Back at home, I isolated the CH flow and return pipes, opened the boiler drain cock ( white fitting just behind wilo pump) and drained the boiler. I then re measured the EV air pressure and it was almost nothing. So, at this point I presumed that the EV had lost its 10psi charge over time - this would explain the observed large ( >2 bar ) pressure difference from cold startup pressure (1.3 bar) to when the heating was working- the increase in volume of water (due to expansion as it was hetaed) was not being mitigated by the volume of air air in the EV!

So, With boiler drain cock still open, I pumped air ( with a Bike Pump ) into the EV Schrader valve until I had 10 psi in there ( as measured with the digital gauge ) I then opened the CH and flow and returns, charged the system to 1 bar and fired up the boiler.

So with a cold starting pressure of 1 bar and the boiler temperature stat to max, I cranked up the room stat to 25 and the hot water tank to 60 to see what the pressure differential when system was maxed out.
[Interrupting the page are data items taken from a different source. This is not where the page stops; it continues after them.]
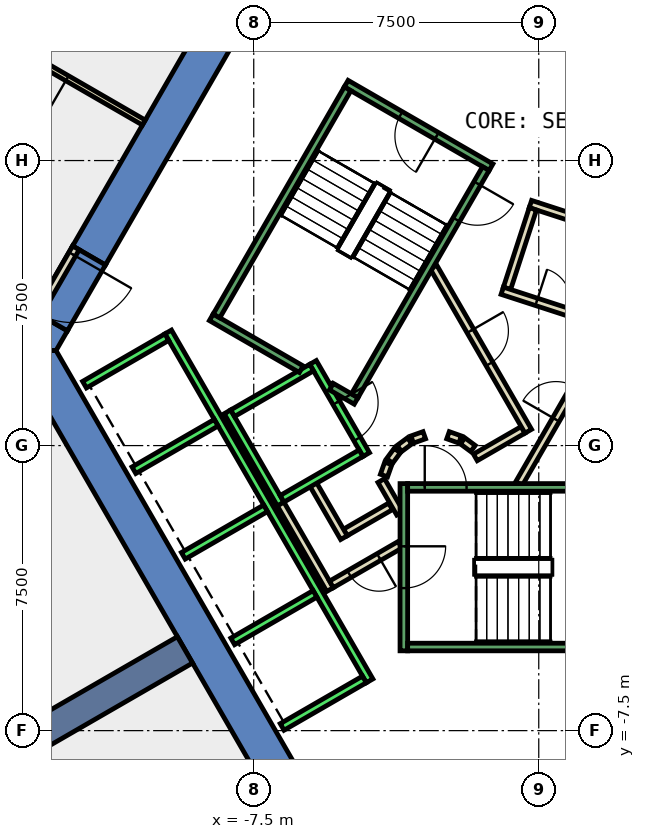
"""IFC4 building model, lengths in metres.
Left out: names, types, materials, properties, quantities, classifications, styles, units other than length and angle.
Written with IfcOpenShell. Run it as: python <this file> out.ifc"""

import sys

from ifc_helpers import new_model, si_unit, direction, frame, frame_2d, origin, place, context, subcontext, project, spatial, polyline, rectangle, outline, extrude, element, fill, save


model = new_model("IFC4")
c1 = context("Model", 3, precision=1e-05, world=origin(), true_north=direction((0.0, 1.0)))
c2 = subcontext(c1, "Body", "Model", "MODEL_VIEW")
j1 = project(units=[si_unit("LENGTHUNIT", "METRE"), si_unit("PLANEANGLEUNIT", "RADIAN")], contexts=[c1])
p1 = place(None, origin())
s1 = spatial("IfcSite", under=j1, at=p1, CompositionType="ELEMENT")
p2 = place(p1, origin())
s2 = spatial("IfcBuilding", under=s1, at=p2, CompositionType="ELEMENT")
p3 = place(p2, frame((0.0, 0.0, 15.0)))
s3 = spatial("IfcBuildingStorey", under=s2, at=p3, CompositionType="ELEMENT", Elevation=15.0)
p4 = place(p3, frame((0.0, 0.0, -0.45)))
e1 = element("IfcWall", 1, at=p4, inside=s3, PredefinedType="SHEAR", context=c2, shape_type="SweptSolid", body=[
    extrude(outline(polyline([(-12.267, 5.252), (-11.402, 4.752), (-6.351, 13.5), (-6.928, 14.5), (-12.267, 5.252)])), origin(), (0.0, 0.0, 1.0), 5.0),
])
p5 = place(p3, frame((0.0, 0.0, -0.45)))
e2 = element("IfcWall", 2, at=p5, inside=s3, PredefinedType="SHEAR", context=c2, shape_type="SweptSolid", body=[
    extrude(outline(polyline([(-12.402, 3.02), (-13.267, 3.52), (-13.856, 2.5), (-12.702, 2.5), (-12.402, 3.02)])), origin(), (0.0, 0.0, 1.0), 5.0),
])
p6 = place(p3, frame((0.0, 0.0, 3.6)))
e3 = element("IfcWall", 3, at=p6, inside=s3, PredefinedType="SHEAR", context=c2, shape_type="SweptSolid", body=[
    extrude(outline(polyline([(-13.267, 3.52), (-12.402, 3.02), (-11.402, 4.752), (-12.267, 5.252), (-13.267, 3.52)])), origin(), (0.0, 0.0, 1.0), 0.95),
])
p7 = place(p3, frame((0.0, 0.0, -0.45)))
e4 = element("IfcWall", 4, at=p7, inside=s3, PredefinedType="SHEAR", context=c2, shape_type="SweptSolid", body=[
    extrude(outline(polyline([(-13.856, 2.5), (-6.928, -9.5), (-6.351, -8.5), (-12.702, 2.5), (-13.856, 2.5)])), origin(), (0.0, 0.0, 1.0), 5.0),
])
p8 = place(p3, frame((-9.31, -5.375, -0.45), z_axis=(0.0, 0.0, 1.0), x_axis=(-0.866017533419, -0.500013631625, 0.0)))
e5 = element("IfcWall", 5, at=p8, inside=s3, PredefinedType="SHEAR", context=c2, shape_type="SweptSolid", body=[
    extrude(rectangle(XDim=9.0, YDim=0.8, at=frame_2d((4.5, 0.0))), origin(), (0.0, 0.0, 1.0), 5.0),
])
p9 = place(p3, frame((-3.9, -1.599, 0.0), z_axis=(0.0, 0.0, 1.0), x_axis=(-0.865969445389, -0.500096910261, 0.0)))
e6 = element("IfcWall", 6, at=p9, inside=s3, PredefinedType="PARTITIONING", context=c2, shape_type="SweptSolid", body=[
    extrude(rectangle(XDim=1.373, YDim=0.2, at=frame_2d((0.687, 0.0))), origin(), (0.0, 0.0, 1.0), 4.55),
])
p10 = place(p3, frame((-5.126, -2.422, 0.0), z_axis=(0.0, 0.0, 1.0), x_axis=(-0.500062241894, 0.865989465428, 0.0)))
e7 = element("IfcWall", 7, at=p10, inside=s3, PredefinedType="PARTITIONING", context=c2, shape_type="SweptSolid", body=[
    extrude(rectangle(XDim=1.7, YDim=0.2, at=frame_2d((0.85, 0.0))), origin(), (0.0, 0.0, 1.0), 4.55),
])
p11 = place(p3, frame((-5.492, -3.788, 0.0), z_axis=(0.0, 0.0, 1.0), x_axis=(-0.500008949224, 0.866020236886, 0.0)))
e8 = element("IfcWall", 8, at=p11, inside=s3, PredefinedType="PARTITIONING", context=c2, shape_type="SweptSolid", body=[
    extrude(rectangle(XDim=2.68, YDim=0.2, at=frame_2d((1.34, 0.0))), origin(), (0.0, 0.0, 1.0), 4.55),
])
p12 = place(p3, frame((-4.145, -0.92, 0.0), z_axis=(0.0, 0.0, 1.0), x_axis=(0.499743786207, -0.866173278362, 0.0)))
e9 = element("IfcWall", 9, at=p12, inside=s3, PredefinedType="PARTITIONING", context=c2, shape_type="SweptSolid", body=[
    extrude(rectangle(XDim=0.991, YDim=0.2, at=frame_2d((0.495, 0.0))), origin(), (0.0, 0.0, 1.0), 4.55),
])
p13 = place(p3, frame((-3.65, -2.61, 0.0), z_axis=(0.0, 0.0, 1.0), x_axis=(-0.866072462134, -0.499918483688, 0.0)))
e10 = element("IfcWall", 10, at=p13, inside=s3, PredefinedType="PARTITIONING", context=c2, shape_type="SweptSolid", body=[
    extrude(rectangle(XDim=2.084, YDim=0.2, at=frame_2d((1.042, 0.0))), origin(), (0.0, 0.0, 1.0), 4.55),
])
p14 = place(p13, frame((0.642, 0.0, 0.0)))
e11 = element("IfcOpeningElement", 11, at=p14, cuts=e10, PredefinedType="OPENING", context=c2, shape_type="SweptSolid", body=[
    extrude(rectangle(XDim=0.9, YDim=2.1, at=frame_2d((0.45, 1.05))), frame((0.0, 0.11, 0.0), z_axis=(0.0, -1.0, 0.0), x_axis=(1.0, 0.0, 0.0)), (0.0, 0.0, 1.0), 0.22),
])
p15 = place(p3, frame((2.285, 5.543, 0.0), z_axis=(0.0, 0.0, 1.0), x_axis=(-0.951121264368, 0.308817649215, 0.0)))
e12 = element("IfcWall", 12, at=p15, inside=s3, PredefinedType="PARTITIONING", context=c2, shape_type="SweptSolid", body=[
    extrude(rectangle(XDim=2.633, YDim=0.2, at=frame_2d((1.316, 0.0))), origin(), (0.0, 0.0, 1.0), 4.55),
])
p16 = place(p3, frame((-0.155, 6.23, 0.0), z_axis=(0.0, 0.0, 1.0), x_axis=(-0.309093600997, -0.951031621884, 0.0)))
e13 = element("IfcWall", 13, at=p16, inside=s3, PredefinedType="PARTITIONING", context=c2, shape_type="SweptSolid", body=[
    extrude(rectangle(XDim=2.2, YDim=0.2, at=frame_2d((1.1, 0.0))), origin(), (0.0, 0.0, 1.0), 4.55),
])
p17 = place(p3, frame((-0.961, 4.074, 0.0), z_axis=(0.0, 0.0, 1.0), x_axis=(0.951079555704, -0.308946077369, 0.0)))
e14 = element("IfcWall", 14, at=p17, inside=s3, PredefinedType="PARTITIONING", context=c2, shape_type="SweptSolid", body=[
    extrude(rectangle(XDim=2.8, YDim=0.2, at=frame_2d((1.4, 0.0))), origin(), (0.0, 0.0, 1.0), 4.55),
])
p18 = place(p17, frame((0.95, 0.0, 0.0)))
e15 = element("IfcOpeningElement", 15, at=p18, cuts=e14, PredefinedType="OPENING", context=c2, shape_type="SweptSolid", body=[
    extrude(rectangle(XDim=0.9, YDim=2.1, at=frame_2d((0.45, 1.05))), frame((0.0, 0.11, 0.0), z_axis=(0.0, -1.0, 0.0), x_axis=(1.0, 0.0, 0.0)), (0.0, 0.0, 1.0), 0.22),
])
p19 = place(p3, frame((-0.52, -1.0, 0.0), z_axis=(0.0, 0.0, 1.0), x_axis=(0.50011622646, 0.865958290007, 0.0)))
e16 = element("IfcWall", 16, at=p19, inside=s3, PredefinedType="PARTITIONING", context=c2, shape_type="SweptSolid", body=[
    extrude(rectangle(XDim=4.991, YDim=0.2, at=frame_2d((2.496, 0.0))), origin(), (0.0, 0.0, 1.0), 4.55),
])
p20 = place(p19, frame((1.945, 0.0, 0.0)))
e17 = element("IfcOpeningElement", 17, at=p20, cuts=e16, PredefinedType="OPENING", context=c2, shape_type="SweptSolid", body=[
    extrude(rectangle(XDim=1.0, YDim=2.1, at=frame_2d((0.5, 1.05))), frame((0.0, 0.11, 0.0), z_axis=(0.0, -1.0, 0.0), x_axis=(1.0, 0.0, 0.0)), (0.0, 0.0, 1.0), 0.22),
])
p21 = place(p3, frame((-0.412, 0.414, 0.0), z_axis=(0.0, 0.0, 1.0), x_axis=(-0.866017369001, -0.500013916395, 0.0)))
e18 = element("IfcWall", 18, at=p21, inside=s3, PredefinedType="PARTITIONING", context=c2, shape_type="SweptSolid", body=[
    extrude(rectangle(XDim=1.45, YDim=0.2, at=frame_2d((0.725, 0.0))), origin(), (0.0, 0.0, 1.0), 4.55),
])
p22 = place(p3, frame((-1.731, -0.077, 0.0), z_axis=(0.0, 0.0, 1.0), x_axis=(-0.804311165252, 0.594208338422, 0.0)))
e19 = element("IfcWall", 19, at=p22, inside=s3, PredefinedType="PARTITIONING", context=c2, shape_type="SweptSolid", body=[
    extrude(rectangle(XDim=0.338, YDim=0.2, at=frame_2d((0.169, 0.0))), origin(), (0.0, 0.0, 1.0), 4.55),
])
p23 = place(p3, frame((-2.07, 0.16, 0.0), z_axis=(0.0, 0.0, 1.0), x_axis=(-0.942199461132, 0.335052496547, 0.0)))
e20 = element("IfcWall", 20, at=p23, inside=s3, PredefinedType="PARTITIONING", context=c2, shape_type="SweptSolid", body=[
    extrude(rectangle(XDim=0.337, YDim=0.2, at=frame_2d((0.169, 0.0))), origin(), (0.0, 0.0, 1.0), 4.55),
])
p24 = place(p3, frame((-3.012, 0.273, 0.0), z_axis=(0.0, 0.0, 1.0), x_axis=(-0.942280615813, -0.334824194261, 0.0)))
e21 = element("IfcWall", 21, at=p24, inside=s3, PredefinedType="PARTITIONING", context=c2, shape_type="SweptSolid", body=[
    extrude(rectangle(XDim=0.338, YDim=0.2, at=frame_2d((0.169, 0.0))), origin(), (0.0, 0.0, 1.0), 4.55),
])
p25 = place(p3, frame((-3.397, 0.124, 0.0), z_axis=(0.0, 0.0, 1.0), x_axis=(-0.804311165252, -0.594208338422, 0.0)))
e22 = element("IfcWall", 22, at=p25, inside=s3, PredefinedType="PARTITIONING", context=c2, shape_type="SweptSolid", body=[
    extrude(rectangle(XDim=0.338, YDim=0.2, at=frame_2d((0.169, 0.0))), origin(), (0.0, 0.0, 1.0), 4.55),
])
p26 = place(p3, frame((-3.723, -0.131, 0.0), z_axis=(0.0, 0.0, 1.0), x_axis=(-0.594675113454, -0.803966112121, 0.0)))
e23 = element("IfcWall", 23, at=p26, inside=s3, PredefinedType="PARTITIONING", context=c2, shape_type="SweptSolid", body=[
    extrude(rectangle(XDim=0.338, YDim=0.2, at=frame_2d((0.169, 0.0))), origin(), (0.0, 0.0, 1.0), 4.55),
])
p27 = place(p3, frame((-3.96, -0.47, 0.0), z_axis=(0.0, 0.0, 1.0), x_axis=(-0.334824194261, -0.942280615813, 0.0)))
e24 = element("IfcWall", 24, at=p27, inside=s3, PredefinedType="PARTITIONING", context=c2, shape_type="SweptSolid", body=[
    extrude(rectangle(XDim=0.338, YDim=0.2, at=frame_2d((0.169, 0.0))), origin(), (0.0, 0.0, 1.0), 4.55),
])
p28 = place(p3, frame((-2.771, 4.7, 0.0), z_axis=(0.0, 0.0, 1.0), x_axis=(0.499969479948, -0.866043023828, 0.0)))
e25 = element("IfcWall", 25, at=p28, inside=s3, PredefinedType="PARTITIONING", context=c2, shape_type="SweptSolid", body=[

It floated at around 2 bar...... so happy days!. At the same time I cleaned out the magna clean, topped up with inhibitor and bled the air from the rads.

Interestingly, before charging the EV, the cold starting pressure used to have to be 1.3 bar (at least) to get the Flow switch in -and I also had to stagger the hot water and Ch startup times otherwise the flow switch would not come in with both CH and HW valves open. 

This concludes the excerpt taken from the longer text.